カリブ海危機 2.0:
プーチンとトランプ両大統領
首脳会談中止の内幕
キューバ危機という亡霊が再び現れ、今回はウクライナ、
ベネズエラ、そして分裂した米国の政治を悩ませている
Caribbean Crisis 2.0: Inside the cancellation of the Putin-Trump summit。The
ghosts of the Cuban Missile Crisis are back, this time haunting Ukraine,
Venezuela, and Washington’s divided politics
RT War on UKRAINE #8968 2025年10月30日
英語翻訳 池田こみち 経歴
独立系メデア E-wave Tokyo 2025年11月1日(JST)

資料写真:2017年7月7日、ドイツ・ハンブルクで開催されたG20サミットの会場で、ロシアのウラジーミル・プーチン大統領と米国のドナルド・トランプ大統領が会談。©
Sputnik/Sergey Guneev
2025年10月30日 20:39 世界ニュース
著者:アレクサンダー・ボブロフ、歴史学博士、RUDN 大学戦略研究予測研究所外交研究部長、「ロシアの大戦略」の著者。彼の Telegram チャンネル「外交と世界」をフォローしてください。外交と世界ロシアの大戦略
本文
世界史において、カリブ海危機、すなわちキューバ危機とは、1962年10月、米国とソ連が核戦争の瀬戸際に立った緊張状態を指す。この対立は、ソ連の南の国境沿いにあるトルコに米国がミサイルを配備したことから始まり、その後、モスクワがフロリダ沖のキューバに核弾頭を配置することを決定したことで始まった。
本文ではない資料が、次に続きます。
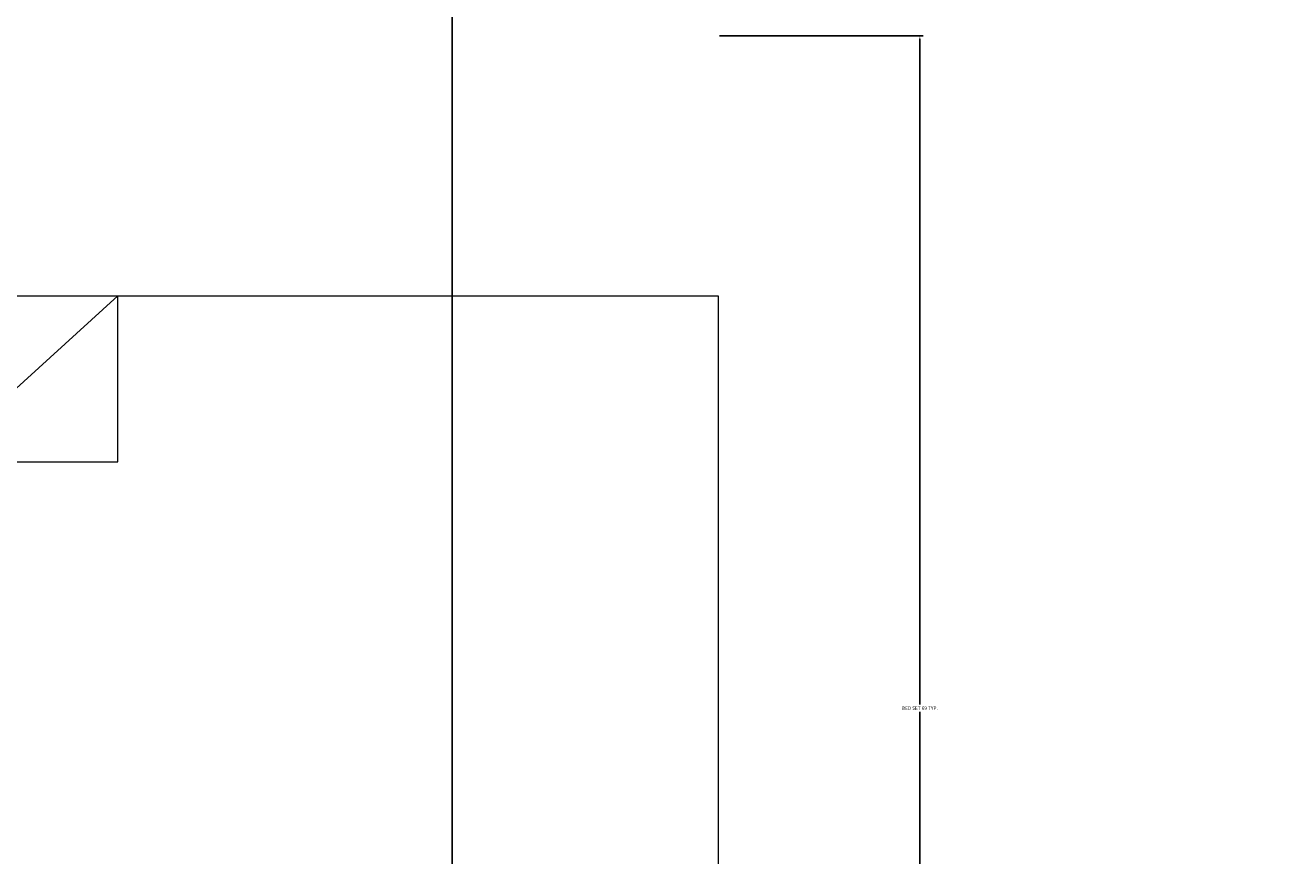
# Model space of a CAD drawing. Units: inches. Extents: x 1998 to 2588, y 1139 to 1977.
# Tile 73 of 134: x 2126 to 2192, y 1817 to 1860. Entities that reach past the tile are written whole.
import ezdxf

# ---------------------------------------------------------------- set-up
doc = ezdxf.new("R2010")
doc.units = ezdxf.units.IN
doc.layers.add('A-ANNO-DIMS', color=2, linetype='Continuous', lineweight=18)
doc.layers.add('FUR', color=21, linetype='Continuous', lineweight=18)
doc.styles.get("Standard").update_dxf_attribs({"font": 'arial.ttf'})
doc.dimstyles.get("Standard").update_dxf_attribs({"dimtxt": 0.18, "dimasz": 0.18, "dimexe": 0.18, "dimexo": 0.0625, "dimgap": 0.09, "dimtad": 0, "dimtih": 1, "dimtoh": 1, "dimdec": 4, "dimzin": 0, "dimdsep": 46, "dimtxsty": 'Standard', "dimcen": 0.09, "dimadec": 0, "dimazin": 0, "dimtfac": 1, "dimtdec": 4, "dimtofl": 0, "dimtmove": 0, "dimatfit": 3, "dimfxl": 1, "dimtolj": 1, "dimtzin": 0, "dimarcsym": 0})

# ---------------------------------------------------------------- blocks, each defined once
blk = doc.blocks.new('BED-WITH-NIGHTSTANDS')
for p, q in [((34.217, 56), (24.799, 47.436)), ((34.217, 47.436), (34.217, 56)), ((24.799, 13.424), (24.799, 47.436)), ((24.799, 47.436), (34.217, 47.436))]:
    blk.add_line(p, q)
for points in [[(0, 56), (15.699, 56), (15.699, 69.425), (0, 69.425)], [(0, 56), (65.221, 56), (65.221, 13.424), (0, 13.424)], [(6.374, 34.93), (16.725, 34.93), (16.725, 53.45), (6.374, 53.45)], [(6.254, 16.049), (16.605, 16.049), (16.605, 34.569), (6.254, 34.569)], [(0, 0), (15.699, 0), (15.699, 13.424), (0, 13.424)]]:
    blk.add_lwpolyline(points, close=True)
blk = doc.blocks.new('*D13')
at = {"layer": 'A-ANNO-DIMS', "color": 0, "lineweight": -2, "transparency": 16777216}
for p, q in [((2162.257, 1859.47), (2172.788, 1859.47)), ((2172.608, 1859.29), (2172.608, 1824.94)), ((2172.608, 1790.225), (2172.608, 1824.574)), ((2162.257, 1790.045), (2172.788, 1790.045))]:
    blk.add_line(p, q, dxfattribs=at)
at = {"layer": 'A-ANNO-DIMS', "color": 0, "transparency": 16777216}
for points in [[(2172.578, 1859.29), (2172.638, 1859.29), (2172.608, 1859.47)], [(2172.578, 1790.225), (2172.638, 1790.225), (2172.608, 1790.045)]]:
    blk.add_solid(points, dxfattribs=at)
at = {"layer": 'Defpoints', "color": 0, "transparency": 16777216}
for p in [(2162.194, 1859.47), (2172.608, 1859.47), (2162.194, 1790.045)]:
    blk.add_point(p, dxfattribs=at)
at = {"layer": 'A-ANNO-DIMS', "color": 0, "transparency": 16777216, "insert": (2172.608, 1824.757), "char_height": 0.18, "attachment_point": 5}
blk.add_mtext('\\A1;BED SET 69 TYP.', dxfattribs=at)
blk = doc.blocks.new('*D37')
at = {"layer": 'A-ANNO-DIMS', "color": 0, "lineweight": -2, "transparency": 16777216}
for p, q in [((2148.455, 1612.795), (2148.455, 1977.362)), ((2148.635, 1977.182), (2172.73, 1977.182)), ((2197.27, 1977.182), (2173.175, 1977.182)), ((2197.45, 1612.795), (2197.45, 1977.362))]:
    blk.add_line(p, q, dxfattribs=at)
at = {"layer": 'A-ANNO-DIMS', "color": 0, "transparency": 16777216}
for points in [[(2148.635, 1977.212), (2148.635, 1977.152), (2148.455, 1977.182)], [(2197.27, 1977.212), (2197.27, 1977.152), (2197.45, 1977.182)]]:
    blk.add_solid(points, dxfattribs=at)
at = {"layer": 'Defpoints', "color": 0, "transparency": 16777216}
for p in [(2197.45, 1977.182), (2148.455, 1612.732), (2197.45, 1612.732)]:
    blk.add_point(p, dxfattribs=at)
at = {"layer": 'A-ANNO-DIMS', "color": 0, "transparency": 16777216, "insert": (2172.952, 1977.182), "char_height": 0.18, "attachment_point": 5}
blk.add_mtext('\\A1;49', dxfattribs=at)

msp = doc.modelspace()

# ---------------------------------------------------------------- block references
at = {"layer": 'FUR'}
msp.add_blockref('BED-WITH-NIGHTSTANDS', (2096.973, 1790.045), dxfattribs=at)

# ---------------------------------------------------------------- dimensions: what is measured, and where the dimension line sits
at = {"layer": 'A-ANNO-DIMS'}
dim = msp.add_linear_dim(base=(2197.4499, 1977.1824), p1=(2148.4548, 1612.7324), p2=(2197.4499, 1612.7324), dimstyle='Standard', override={"dimdec": 0, "dimlfac": 1, "dimrnd": 0, "dimzin": 0, "dimdsep": 46, "dimlunit": 2}, dxfattribs=at)
dim.commit()
dim.dimension.update_dxf_attribs({"geometry": '*D37', "text_midpoint": (2172.9524, 1977.1824)})
dim = msp.add_linear_dim(base=(2172.6081, 1859.4697), p1=(2162.1944, 1790.0445), p2=(2162.1944, 1859.4697), angle=90, text='BED SET <> TYP.', dimstyle='Standard', override={"dimdec": 0, "dimlfac": 1, "dimrnd": 0, "dimzin": 0, "dimdsep": 46, "dimlunit": 2}, dxfattribs=at)
dim.commit()
dim.dimension.update_dxf_attribs({"geometry": '*D13', "text_midpoint": (2172.6081, 1824.7571)})

doc.saveas('drawing.dxf')

10月16日から28日までの激しい外交交渉を経て、双方は武器の撤収、ワシントンとモスクワ間の直接ホットラインの設置、そして将来の軍備管理協定の基礎作りについて合意した。この13日間、恐怖が空気に満ちていたが、交渉の真の範囲は、危険が過ぎ去ってかなり経つまで、世界には知られていなかった。
運命の驚くべきひねりにより、63年後の2025年10月、ロシアと米国の関係は、不気味なほどよく似た展開を見せている。10月16日、ロシアのウラジーミル・プーチン大統領と米国のドナルド・トランプ大統領は、今年8回目となる、そして最長の電話会談を行った。その主な成果は、ハンガリーのブダペストで予定されている両大統領による首脳会談の枠組みを設定するため、マルコ・ルビオ国務長官とセルゲイ・ラブロフ外相によるハイレベル会合の準備を行うことで合意したことである。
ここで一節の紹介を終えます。